Durante semanas, Andy Burnham manteve um voto de silêncio sobre seu projeto para o número 10.
No entanto, agora que ele finalmente compartilhou pelo menos alguns de seus planos com a nação, quase não sabemos como ele pretende pagar por isso. O financiamento para cortes de £ 850 milhões na conta de energia começou a acontecer poucas horas após o anúncio.
Também não é claro de onde vem o dinheiro para acabar com os sem-abrigo (algo que ele já não conseguiu fazer em Manchester), para colmatar a lacuna de 4,7 mil milhões de libras nos planos de investimento na defesa ou para financiar outros planos ambiciosos estimados em centenas de milhares de milhões.
Não é preciso dizer em letras maiúsculas que a falta de transparência do Primeiro-Ministro envia um sinal muito preocupante sobre a sua atitude em relação às finanças públicas. Apesar de todas as suas falhas desastrosas como chanceler, a infeliz Rachel Reeves parecia pelo menos tentar fazer contas vagamente.
Embora o senhor Burnham tenha falado da necessidade de mostrar ao seu gabinete como os projectos estão a ser financiados, ele tem de ir mais longe para provar que não está apenas a defender da boca para fora a disciplina fiscal.
A escala da crise que a Grã-Bretanha enfrenta é quase terrível. Não só a lei da segurança social ultrapassou as receitas do imposto sobre o rendimento no ano passado, como os números também mostram que a nossa dívida nacional está a aproximar-se dos inimagináveis 3 biliões de libras.
Qualquer pessoa com uma compreensão básica de aritmética pode ver que esta não é a forma de gerir uma economia ou um país. Embora contrariem os instintos grosseiros e simplistas do senhor Burnham, há alguns pontos que ele faria bem em ter em mente na preparação para o anúncio do orçamento do Outono.
Em primeiro lugar, a amarga experiência sugere fortemente que aumentar ainda mais os impostos e contrair empréstimos de montantes cada vez maiores apenas nos causará problemas mais profundos. Em segundo lugar, é hora de apitar o trem da alegria da Benefit Street.
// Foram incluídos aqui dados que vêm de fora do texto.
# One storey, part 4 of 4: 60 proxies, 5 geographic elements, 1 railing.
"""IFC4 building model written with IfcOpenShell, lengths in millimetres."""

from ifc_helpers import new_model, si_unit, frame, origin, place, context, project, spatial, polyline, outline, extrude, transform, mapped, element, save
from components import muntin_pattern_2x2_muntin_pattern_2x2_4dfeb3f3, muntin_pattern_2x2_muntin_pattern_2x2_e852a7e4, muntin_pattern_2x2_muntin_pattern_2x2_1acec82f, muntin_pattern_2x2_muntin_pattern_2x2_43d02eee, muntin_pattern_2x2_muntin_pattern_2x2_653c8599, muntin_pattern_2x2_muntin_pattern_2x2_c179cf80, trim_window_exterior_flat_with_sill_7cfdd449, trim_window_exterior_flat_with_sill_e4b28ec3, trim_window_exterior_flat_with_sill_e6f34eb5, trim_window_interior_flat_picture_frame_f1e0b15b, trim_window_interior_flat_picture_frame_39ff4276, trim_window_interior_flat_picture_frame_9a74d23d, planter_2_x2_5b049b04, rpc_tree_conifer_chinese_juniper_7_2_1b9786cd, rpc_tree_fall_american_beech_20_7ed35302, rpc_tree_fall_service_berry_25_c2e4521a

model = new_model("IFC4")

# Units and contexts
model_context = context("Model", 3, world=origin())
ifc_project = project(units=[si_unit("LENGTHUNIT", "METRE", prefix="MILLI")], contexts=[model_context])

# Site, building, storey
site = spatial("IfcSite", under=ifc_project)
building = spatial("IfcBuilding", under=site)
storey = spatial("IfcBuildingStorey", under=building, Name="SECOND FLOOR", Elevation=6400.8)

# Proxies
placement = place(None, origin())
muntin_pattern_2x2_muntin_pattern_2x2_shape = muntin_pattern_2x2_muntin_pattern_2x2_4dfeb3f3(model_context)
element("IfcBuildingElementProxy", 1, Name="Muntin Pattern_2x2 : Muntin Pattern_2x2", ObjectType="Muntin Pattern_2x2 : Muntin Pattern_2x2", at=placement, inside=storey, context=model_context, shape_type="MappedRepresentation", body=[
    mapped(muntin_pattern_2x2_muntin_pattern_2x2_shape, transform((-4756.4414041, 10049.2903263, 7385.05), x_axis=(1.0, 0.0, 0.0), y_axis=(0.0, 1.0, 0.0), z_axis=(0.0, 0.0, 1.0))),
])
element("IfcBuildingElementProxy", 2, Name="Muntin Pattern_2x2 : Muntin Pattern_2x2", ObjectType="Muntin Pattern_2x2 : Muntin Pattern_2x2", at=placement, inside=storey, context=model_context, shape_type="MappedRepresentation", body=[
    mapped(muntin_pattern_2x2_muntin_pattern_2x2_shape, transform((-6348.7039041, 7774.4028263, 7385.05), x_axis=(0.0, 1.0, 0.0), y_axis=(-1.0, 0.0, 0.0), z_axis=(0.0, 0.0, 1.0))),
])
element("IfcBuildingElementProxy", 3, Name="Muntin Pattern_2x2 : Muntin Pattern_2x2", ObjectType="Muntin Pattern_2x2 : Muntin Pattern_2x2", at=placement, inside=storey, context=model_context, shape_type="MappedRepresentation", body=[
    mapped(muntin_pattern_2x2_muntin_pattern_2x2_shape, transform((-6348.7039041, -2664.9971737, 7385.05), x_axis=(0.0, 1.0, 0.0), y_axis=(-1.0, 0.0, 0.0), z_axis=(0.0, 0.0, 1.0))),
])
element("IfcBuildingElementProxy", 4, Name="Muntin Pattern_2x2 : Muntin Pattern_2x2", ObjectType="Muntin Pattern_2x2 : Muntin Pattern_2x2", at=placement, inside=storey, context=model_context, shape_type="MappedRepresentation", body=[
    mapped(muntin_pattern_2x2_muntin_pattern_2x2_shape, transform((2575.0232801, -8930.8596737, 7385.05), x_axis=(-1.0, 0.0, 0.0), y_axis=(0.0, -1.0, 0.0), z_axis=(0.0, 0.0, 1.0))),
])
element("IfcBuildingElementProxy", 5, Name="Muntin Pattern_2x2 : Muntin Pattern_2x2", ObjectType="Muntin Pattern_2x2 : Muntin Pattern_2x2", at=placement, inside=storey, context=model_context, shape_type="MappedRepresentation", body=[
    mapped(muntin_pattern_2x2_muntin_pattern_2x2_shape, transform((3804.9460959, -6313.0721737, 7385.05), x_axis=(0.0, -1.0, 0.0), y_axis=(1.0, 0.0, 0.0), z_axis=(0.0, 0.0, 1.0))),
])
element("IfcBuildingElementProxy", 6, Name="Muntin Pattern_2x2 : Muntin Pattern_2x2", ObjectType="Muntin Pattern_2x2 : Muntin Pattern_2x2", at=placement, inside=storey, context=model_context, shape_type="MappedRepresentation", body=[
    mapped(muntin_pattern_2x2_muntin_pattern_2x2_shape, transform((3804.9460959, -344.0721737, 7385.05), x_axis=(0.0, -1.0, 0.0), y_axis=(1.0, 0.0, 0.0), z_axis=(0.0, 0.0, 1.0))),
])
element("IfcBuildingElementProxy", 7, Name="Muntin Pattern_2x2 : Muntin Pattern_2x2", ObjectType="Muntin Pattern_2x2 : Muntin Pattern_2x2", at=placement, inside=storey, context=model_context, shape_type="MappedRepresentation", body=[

É claro que nem todos os desafios que o novo primeiro-ministro enfrenta são de natureza financeira. Já está claro que a sua purga implacável dos aliados de Keir Starmer criou um grupo de descontentes alarmantes que aproveitarão todas as oportunidades para atacar a partir da bancada nas próximas semanas e meses. Isto chega às suas esperanças de um Partido Trabalhista unido.
Embora Andy Burnham tenha falado da necessidade de mostrar ao seu gabinete como os projectos estão a ser financiados, ele precisa de ir mais longe para provar que não está apenas a defender da boca para fora a disciplina fiscal.
A um nível mais amplo, o Sr. Burnham poderá lamentar a sua decisão estrangeira de nomear Ed Miliband como Secretário dos Negócios Estrangeiros.
É provável que ninguém interessado em assuntos internacionais esqueça o papel indesculpável que Miliband – então líder da oposição – desempenhou no bloqueio da acção do Reino Unido contra o regime assassino do ditador sírio Bashar al-Assad em Agosto de 2013.
Inúmeras vítimas morreram horrivelmente durante mais cinco anos, até aos ataques aéreos e de mísseis liderados pelos EUA. Mesmo sem essa mancha vergonhosa no seu currículo, é evidente que ele enfrenta enormes testes globais à medida que a violência e a agitação continuam no Irão, em Israel e na Ucrânia.
Talvez um desafio ainda maior para Miliband – um homem que usa as suas credenciais de extrema esquerda como uma medalha de honra – seja construir uma relação de trabalho cordial com Donald Trump. Não admira que Boris Johnson o tenha descrito como uma “terrível escolha” para o cargo.
Sim, é um desenvolvimento bem-vindo que este zelo ecológico já não prossiga a sua agenda verde perturbada no departamento de segurança energética e zero emissões.
Será também um alívio para todos os que se preocupam com o bem-estar económico deste país o facto de ele ter sido preterido para o cargo de chanceler. Mas permanece o facto de que Miliband poderá causar danos infinitos na Grã-Bretanha e noutros países, desde que mantenha o cargo que o Primeiro-Ministro – por qualquer razão – decidir dar-lhe.